To fill a bucket took two buckets. One left upright for collection, the other to sit on its side until it filled with a finger’s worth of water. Bending up and down to collect meagre portions of water was a back-aching experience. Tightness in voice was a trademark characteristic of every Sunnish citizen— save for a little girl who lived in a house by a forest, in a hilly area overlooking the main settlement below.
The two buckets took pity on Brona, so they tried to cheer her up every morning by levitating and swooping and filling themselves up with water, just for her! No one else’s buckets in town did that. It was just for her.
At least – she liked to think of it that way.
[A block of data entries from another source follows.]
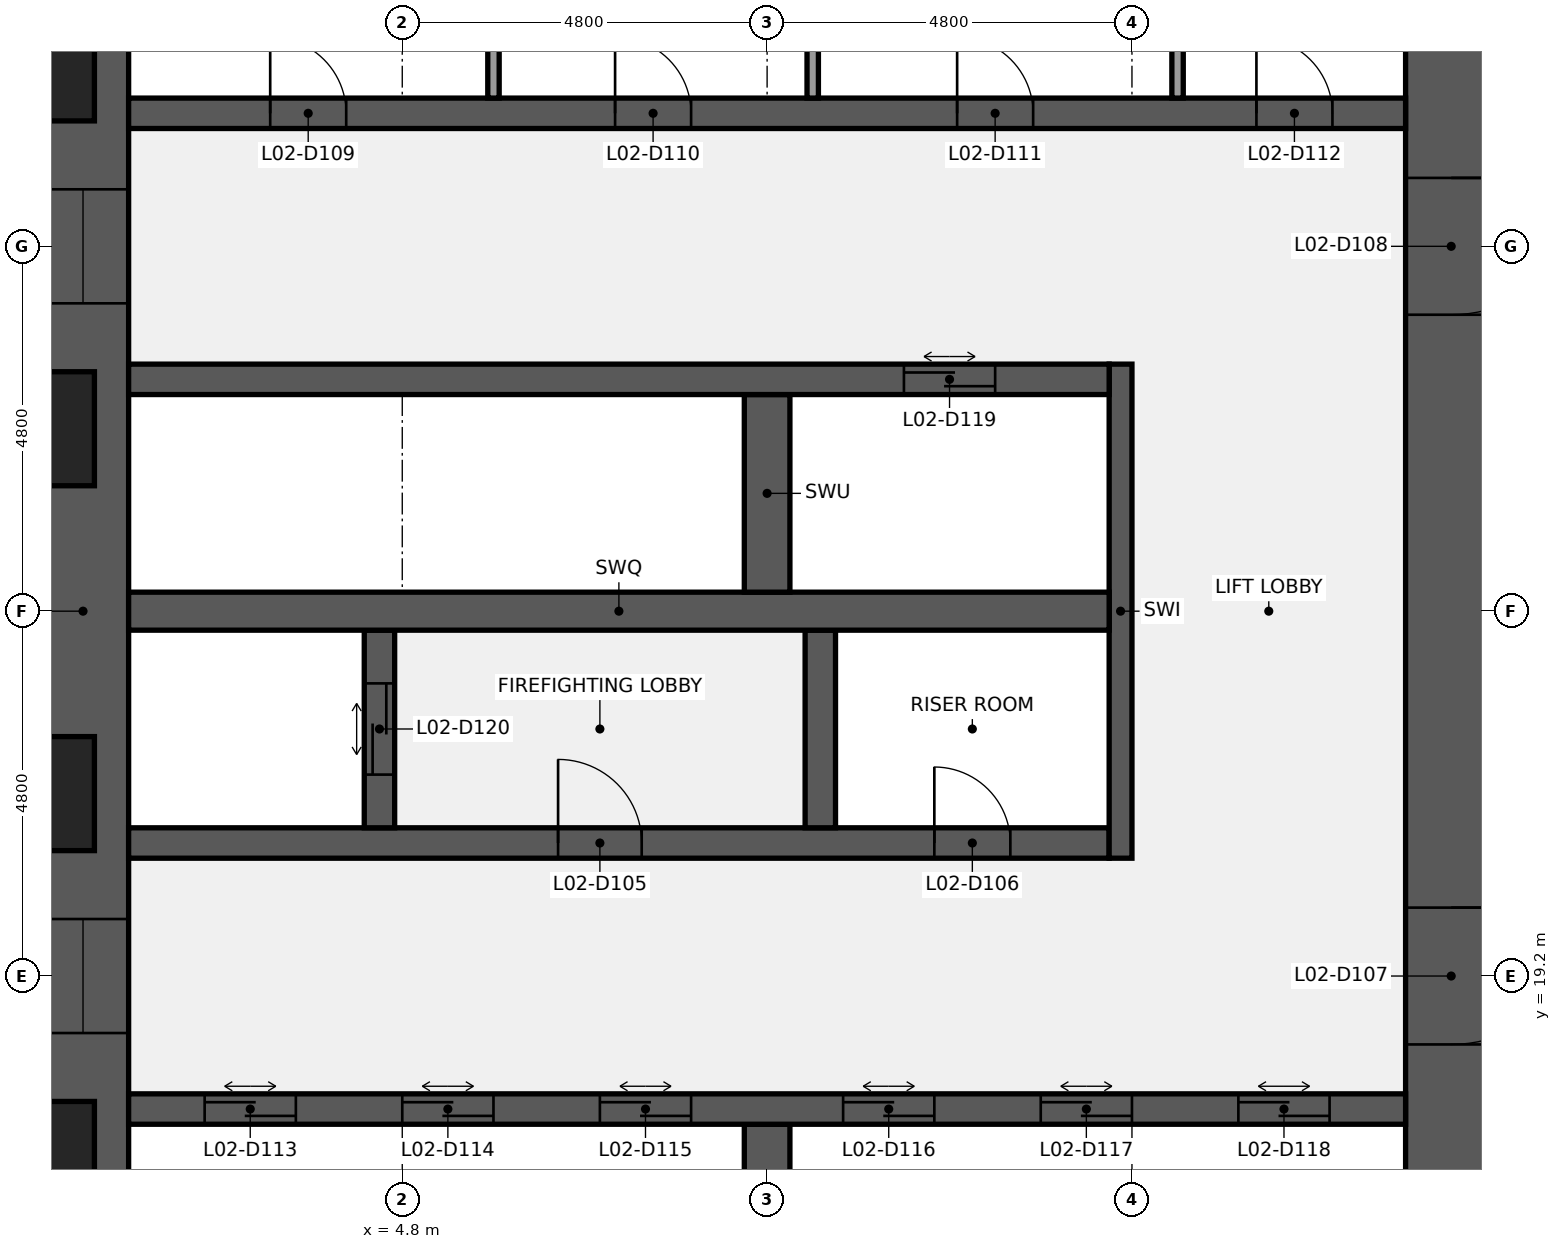
"""IFC4 building model, lengths in metres.
Left out: names, types, materials, properties, quantities, classifications, styles, units other than length and angle.
Written with IfcOpenShell. Run it as: python <this file> out.ifc"""

import sys

from ifc_helpers import new_model, si_unit, direction, frame, frame_2d, origin, place, context, subcontext, project, spatial, rectangle, extrude, element, fill, save


model = new_model("IFC4")
c1 = context("Model", 3, precision=1e-05, world=origin(), true_north=direction((0.0, 1.0)))
c2 = subcontext(c1, "Body", "Model", "MODEL_VIEW")
j1 = project(units=[si_unit("LENGTHUNIT", "METRE"), si_unit("PLANEANGLEUNIT", "RADIAN")], contexts=[c1])
p1 = place(None, origin())
s1 = spatial("IfcSite", under=j1, at=p1, CompositionType="ELEMENT")
p2 = place(p1, origin())
s2 = spatial("IfcBuilding", under=s1, at=p2, CompositionType="ELEMENT")
p3 = place(p2, frame((0.0, 0.0, 17.0)))
s3 = spatial("IfcBuildingStorey", under=s2, at=p3, CompositionType="ELEMENT", Elevation=17.0)
p4 = place(p3, frame((0.6, 9.6, 0.0), z_axis=(0.0, 0.0, 1.0), x_axis=(0.0, 1.0, 0.0)))
e1 = element("IfcWall", 1, at=p4, inside=s3, PredefinedType="SHEAR", context=c2, shape_type="SweptSolid", body=[
    extrude(rectangle(XDim=28.8, YDim=1.2, at=frame_2d((14.4, 0.0))), origin(), (0.0, 0.0, 1.0), 4.24),
])
p5 = place(p4, frame((8.85, 0.0, 0.9)))
e2 = element("IfcOpeningElement", 2, at=p5, cuts=e1, PredefinedType="OPENING", context=c2, shape_type="SweptSolid", body=[
    extrude(rectangle(XDim=1.5, YDim=1.5, at=frame_2d((0.75, 0.75))), frame((0.0, 0.61, 0.0), z_axis=(0.0, -1.0, 0.0), x_axis=(1.0, 0.0, 0.0)), (0.0, 0.0, 1.0), 1.22),
])
p6 = place(p4, frame((18.45, 0.0, 0.9)))
e3 = element("IfcOpeningElement", 3, at=p6, cuts=e1, PredefinedType="OPENING", context=c2, shape_type="SweptSolid", body=[
    extrude(rectangle(XDim=1.5, YDim=1.5, at=frame_2d((0.75, 0.75))), frame((0.0, 0.61, 0.0), z_axis=(0.0, -1.0, 0.0), x_axis=(1.0, 0.0, 0.0)), (0.0, 0.0, 1.0), 1.22),
])
p7 = place(p3, frame((18.6, 38.4, 0.0), z_axis=(0.0, 0.0, 1.0), x_axis=(0.0, -1.0, 0.0)))
e4 = element("IfcWall", 4, at=p7, inside=s3, PredefinedType="SHEAR", context=c2, shape_type="SweptSolid", body=[
    extrude(rectangle(XDim=28.8, YDim=1.2, at=frame_2d((14.4, 0.0))), origin(), (0.0, 0.0, 1.0), 4.24),
])
p8 = place(p7, frame((18.3, 0.0, 0.0)))
e5 = element("IfcOpeningElement", 5, at=p8, cuts=e4, PredefinedType="OPENING", context=c2, shape_type="SweptSolid", body=[
    extrude(rectangle(XDim=1.8, YDim=2.1, at=frame_2d((0.9, 1.05))), frame((0.0, 0.61, 0.0), z_axis=(0.0, -1.0, 0.0), x_axis=(1.0, 0.0, 0.0)), (0.0, 0.0, 1.0), 1.22),
])
p9 = place(p7, frame((8.7, 0.0, 0.0)))
e6 = element("IfcOpeningElement", 6, at=p9, cuts=e4, PredefinedType="OPENING", context=c2, shape_type="SweptSolid", body=[
    extrude(rectangle(XDim=1.8, YDim=2.1, at=frame_2d((0.9, 1.05))), frame((0.0, 0.61, 0.0), z_axis=(0.0, -1.0, 0.0), x_axis=(1.0, 0.0, 0.0)), (0.0, 0.0, 1.0), 1.22),
])
p10 = place(p3, frame((9.6, 14.65, 0.0), z_axis=(0.0, 0.0, 1.0), x_axis=(0.0, 1.0, 0.0)))
e7 = element("IfcWall", 7, at=p10, inside=s3, PredefinedType="SHEAR", context=c2, shape_type="SweptSolid", body=[
    extrude(rectangle(XDim=2.6, YDim=0.6, at=frame_2d((1.3, 0.0))), origin(), (0.0, 0.0, 1.0), 4.24),
])
p11 = place(p3, frame((1.2, 17.45, 0.0), z_axis=(0.0, 0.0, 1.0), x_axis=(1.0, 0.0, 0.0)))
e8 = element("IfcWall", 8, at=p11, inside=s3, PredefinedType="SHEAR", context=c2, shape_type="SweptSolid", body=[
    extrude(rectangle(XDim=16.8, YDim=0.4, at=frame_2d((8.4, 0.0))), origin(), (0.0, 0.0, 1.0), 4.24),
])
p12 = place(p11, frame((1.0, 0.0, 0.0)))
e9 = element("IfcOpeningElement", 9, at=p12, cuts=e8, PredefinedType="OPENING", context=c2, shape_type="SweptSolid", body=[
    extrude(rectangle(XDim=1.2, YDim=2.1, at=frame_2d((0.6, 1.05))), frame((0.0, 0.21, 0.0), z_axis=(0.0, -1.0, 0.0), x_axis=(1.0, 0.0, 0.0)), (0.0, 0.0, 1.0), 0.42),
])
p13 = place(p11, frame((3.6, 0.0, 0.0)))
e10 = element("IfcOpeningElement", 10, at=p13, cuts=e8, PredefinedType="OPENING", context=c2, shape_type="SweptSolid", body=[
    extrude(rectangle(XDim=1.2, YDim=2.1, at=frame_2d((0.6, 1.05))), frame((0.0, 0.21, 0.0), z_axis=(0.0, -1.0, 0.0), x_axis=(1.0, 0.0, 0.0)), (0.0, 0.0, 1.0), 0.42),
])
p14 = place(p11, frame((6.2, 0.0, 0.0)))
e11 = element("IfcOpeningElement", 11, at=p14, cuts=e8, PredefinedType="OPENING", context=c2, shape_type="SweptSolid", body=[
    extrude(rectangle(XDim=1.2, YDim=2.1, at=frame_2d((0.6, 1.05))), frame((0.0, 0.21, 0.0), z_axis=(0.0, -1.0, 0.0), x_axis=(1.0, 0.0, 0.0)), (0.0, 0.0, 1.0), 0.42),
])
p15 = place(p11, frame((9.4, 0.0, 0.0)))
e12 = element("IfcOpeningElement", 12, at=p15, cuts=e8, PredefinedType="OPENING", context=c2, shape_type="SweptSolid", body=[
    extrude(rectangle(XDim=1.2, YDim=2.1, at=frame_2d((0.6, 1.05))), frame((0.0, 0.21, 0.0), z_axis=(0.0, -1.0, 0.0), x_axis=(1.0, 0.0, 0.0)), (0.0, 0.0, 1.0), 0.42),
])
p16 = place(p11, frame((12.0, 0.0, 0.0)))
e13 = element("IfcOpeningElement", 13, at=p16, cuts=e8, PredefinedType="OPENING", context=c2, shape_type="SweptSolid", body=[
    extrude(rectangle(XDim=1.2, YDim=2.1, at=frame_2d((0.6, 1.05))), frame((0.0, 0.21, 0.0), z_axis=(0.0, -1.0, 0.0), x_axis=(1.0, 0.0, 0.0)), (0.0, 0.0, 1.0), 0.42),
])
p17 = place(p11, frame((14.6, 0.0, 0.0)))
e14 = element("IfcOpeningElement", 14, at=p17, cuts=e8, PredefinedType="OPENING", context=c2, shape_type="SweptSolid", body=[
    extrude(rectangle(XDim=1.2, YDim=2.1, at=frame_2d((0.6, 1.05))), frame((0.0, 0.21, 0.0), z_axis=(0.0, -1.0, 0.0), x_axis=(1.0, 0.0, 0.0)), (0.0, 0.0, 1.0), 0.42),
])
p18 = place(p3, frame((1.2, 20.95, 0.0), z_axis=(0.0, 0.0, 1.0), x_axis=(1.0, 0.0, 0.0)))
e15 = element("IfcWall", 15, at=p18, inside=s3, PredefinedType="SHEAR", context=c2, shape_type="SweptSolid", body=[
    extrude(rectangle(XDim=12.9, YDim=0.4, at=frame_2d((6.45, 0.0))), origin(), (0.0, 0.0, 1.0), 4.24),
])
p19 = place(p18, frame((5.65, 0.0, 0.0)))
e16 = element("IfcOpeningElement", 16, at=p19, cuts=e15, PredefinedType="OPENING", context=c2, shape_type="SweptSolid", body=[
    extrude(rectangle(XDim=1.1, YDim=2.1, at=frame_2d((0.55, 1.05))), frame((0.0, 0.21, 0.0), z_axis=(0.0, -1.0, 0.0), x_axis=(1.0, 0.0, 0.0)), (0.0, 0.0, 1.0), 0.42),
])
p20 = place(p18, frame((10.6, 0.0, 0.0)))
e17 = element("IfcOpeningElement", 17, at=p20, cuts=e15, PredefinedType="OPENING", context=c2, shape_type="SweptSolid", body=[
    extrude(rectangle(XDim=1.0, YDim=2.1, at=frame_2d((0.5, 1.05))), frame((0.0, 0.21, 0.0), z_axis=(0.0, -1.0, 0.0), x_axis=(1.0, 0.0, 0.0)), (0.0, 0.0, 1.0), 0.42),
])
p21 = place(p3, frame((14.25, 20.75, 0.0), z_axis=(0.0, 0.0, 1.0), x_axis=(0.0, 1.0, 0.0)))
e18 = element("IfcWall", 18, at=p21, inside=s3, PredefinedType="SHEAR", context=c2, shape_type="SweptSolid", body=[
    extrude(rectangle(XDim=6.5, YDim=0.3, at=frame_2d((3.25, 0.0))), origin(), (0.0, 0.0, 1.0), 4.24),
])
p22 = place(p3, frame((4.5, 21.15, 0.0), z_axis=(0.0, 0.0, 1.0), x_axis=(0.0, 1.0, 0.0)))
e19 = element("IfcWall", 19, at=p22, inside=s3, PredefinedType="SHEAR", context=c2, shape_type="SweptSolid", body=[
    extrude(rectangle(XDim=2.6, YDim=0.4, at=frame_2d((1.3, 0.0))), origin(), (0.0, 0.0, 1.0), 4.24),
])
p23 = place(p22, frame((0.7, 0.0, 0.0)))
e20 = element("IfcOpeningElement", 20, at=p23, cuts=e19, PredefinedType="OPENING", context=c2, shape_type="SweptSolid", body=[
    extrude(rectangle(XDim=1.2, YDim=2.1, at=frame_2d((0.6, 1.05))), frame((0.0, 0.21, 0.0), z_axis=(0.0, -1.0, 0.0), x_axis=(1.0, 0.0, 0.0)), (0.0, 0.0, 1.0), 0.42),
])
p24 = place(p3, frame((10.3, 21.15, 0.0), z_axis=(0.0, 0.0, 1.0), x_axis=(0.0, 1.0, 0.0)))
e21 = element("IfcWall", 21, at=p24, inside=s3, PredefinedType="SHEAR", context=c2, shape_type="SweptSolid", body=[
    extrude(rectangle(XDim=2.6, YDim=0.4, at=frame_2d((1.3, 0.0))), origin(), (0.0, 0.0, 1.0), 4.24),
])
p25 = place(p3, frame((1.2, 24.0, 0.0), z_axis=(0.0, 0.0, 1.0), x_axis=(1.0, 0.0, 0.0)))
e22 = element("IfcWall", 22, at=p25, inside=s3, PredefinedType="SHEAR", context=c2, shape_type="SweptSolid", body=[
    extrude(rectangle(XDim=12.9, YDim=0.5, at=frame_2d((6.45, 0.0))), origin(), (0.0, 0.0, 1.0), 4.24),
])
p26 = place(p3, frame((9.6, 24.25, 0.0), z_axis=(0.0, 0.0, 1.0), x_axis=(0.0, 1.0, 0.0)))
e23 = element("IfcWall", 23, at=p26, inside=s3, PredefinedType="SHEAR", context=c2, shape_type="SweptSolid", body=[
    extrude(rectangle(XDim=2.6, YDim=0.6, at=frame_2d((1.3, 0.0))), origin(), (0.0, 0.0, 1.0), 4.24),
])
p27 = place(p3, frame((1.2, 27.05, 0.0), z_axis=(0.0, 0.0, 1.0), x_axis=(1.0, 0.0, 0.0)))
e24 = element("IfcWall", 24, at=p27, inside=s3, PredefinedType="SHEAR", context=c2, shape_type="SweptSolid", body=[
    extrude(rectangle(XDim=12.9, YDim=0.4, at=frame_2d((6.45, 0.0))), origin(), (0.0, 0.0, 1.0), 4.24),
])
p28 = place(p27, frame((10.2, 0.0, 0.0)))
e25 = element("IfcOpeningElement", 25, at=p28, cuts=e24, PredefinedType="OPENING", context=c2, shape_type="SweptSolid", body=[
    extrude(rectangle(XDim=1.2, YDim=2.1, at=frame_2d((0.6, 1.05))), frame((0.0, 0.21, 0.0), z_axis=(0.0, -1.0, 0.0), x_axis=(1.0, 0.0, 0.0)), (0.0, 0.0, 1.0), 0.42),
])
p29 = place(p3, frame((1.2, 30.55, 0.0), z_axis=(0.0, 0.0, 1.0), x_axis=(1.0, 0.0, 0.0)))
e26 = element("IfcWall", 26, at=p29, inside=s3, PredefinedType="SHEAR", context=c2, shape_type="SweptSolid", body=[
    extrude(rectangle(XDim=16.8, YDim=0.4, at=frame_2d((8.4, 0.0))), origin(), (0.0, 0.0, 1.0), 4.24),
])
p30 = place(p29, frame((1.863, 0.0, 0.0)))
e27 = element("IfcOpeningElement", 27, at=p30, cuts=e26, PredefinedType="OPENING", context=c2, shape_type="SweptSolid", body=[
    extrude(rectangle(XDim=1.0, YDim=2.1, at=frame_2d((0.5, 1.05))), frame((0.0, 0.21, 0.0), z_axis=(0.0, -1.0, 0.0), x_axis=(1.0, 0.0, 0.0)), (0.0, 0.0, 1.0), 0.42),
])
p31 = place(p29, frame((6.4, 0.0, 0.0)))
e28 = element("IfcOpeningElement", 28, at=p31, cuts=e26, PredefinedType="OPENING", context=c2, shape_type="SweptSolid", body=[
    extrude(rectangle(XDim=1.0, YDim=2.1, at=frame_2d((0.5, 1.05))), frame((0.0, 0.21, 0.0), z_axis=(0.0, -1.0, 0.0), x_axis=(1.0, 0.0, 0.0)), (0.0, 0.0, 1.0), 0.42),
])
p32 = place(p29, frame((10.9, 0.0, 0.0)))
e29 = element("IfcOpeningElement", 29, at=p32, cuts=e26, PredefinedType="OPENING", context=c2, shape_type="SweptSolid", body=[
    extrude(rectangle(XDim=1.0, YDim=2.1, at=frame_2d((0.5, 1.05))), frame((0.0, 0.21, 0.0), z_axis=(0.0, -1.0, 0.0), x_axis=(1.0, 0.0, 0.0)), (0.0, 0.0, 1.0), 0.42),
])
p33 = place(p29, frame((14.837, 0.0, 0.0)))
e30 = element("IfcOpeningElement", 30, at=p33, cuts=e26, PredefinedType="OPENING", context=c2, shape_type="SweptSolid", body=[
    extrude(rectangle(XDim=1.0, YDim=2.1, at=frame_2d((0.5, 1.05))), frame((0.0, 0.21, 0.0), z_axis=(0.0, -1.0, 0.0), x_axis=(1.0, 0.0, 0.0)), (0.0, 0.0, 1.0), 0.42),
])
for number, where, z_axis, x_axis in (
    (31, (6.0, 30.75, 0.0), (0.0, 0.0, 1.0), (0.0, 1.0, 0.0)),
    (32, (10.2, 30.75, 0.0), (0.0, 0.0, 1.0), (0.0, 1.0, 0.0)),
    (33, (15.0, 30.75, 0.0), (0.0, 0.0, 1.0), (0.0, 1.0, 0.0)),
):
    element("IfcWall", number, at=place(p3, frame(where, z_axis=z_axis, x_axis=x_axis)), inside=s3, PredefinedType="PARTITIONING", context=c2, shape_type="SweptSolid", body=[
        extrude(rectangle(XDim=2.6, YDim=0.15, at=frame_2d((1.3, 0.0))), origin(), (0.0, 0.0, 1.0), 4.24),
    ])
p34 = place(p19, origin())
e34 = element("IfcDoor", 34, at=p34, inside=s3, OperationType="SINGLE_SWING_LEFT", PredefinedType="DOOR", context=c2, shape_type="SweptSolid", body=[
    extrude(rectangle(XDim=1.1, YDim=2.1, at=frame_2d((0.55, 1.05))), frame((0.0, 0.025, 0.0), z_axis=(0.0, -1.0, 0.0), x_axis=(1.0, 0.0, 0.0)), (0.0, 0.0, 1.0), 0.05),
])
fill(e16, e34)
p35 = place(p20, origin())
e35 = element("IfcDoor", 35, at=p35, inside=s3, OperationType="SINGLE_SWING_LEFT", PredefinedType="DOOR", context=c2, shape_type="SweptSolid", body=[
    extrude(rectangle(XDim=1.0, YDim=2.1, at=frame_2d((0.5, 1.05))), frame((0.0, 0.025, 0.0), z_axis=(0.0, -1.0, 0.0), x_axis=(1.0, 0.0, 0.0)), (0.0, 0.0, 1.0), 0.05),
])
fill(e17, e35)
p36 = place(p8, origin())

The trade-off for Distorting her two metallic buckets was that Brona had to kneel barefoot in the creek, with pants pulled up above her knees, as she shed the warmth she’d left her house with earlier. The spell must have fed on the jolting twangs of shivers running up her body or her noticeable discomfort. Using Ouroborics was easier than manually collecting water herself, but it was still a poor deal, even if she wasn’t seizing her lower back like her neighbours. She envied her shoes lying on the bank by the water’s edge, gradually acclimatizing to the morning air rather than suffering a complete molestation of cold like herself. Brona tightened the blanket around her shoulders. To have made things faster, she would have liked to collect water from a deeper part of the creek, but that would mean she would need to pass the nearest neighbour and being sworn at was an awful way to begin the day.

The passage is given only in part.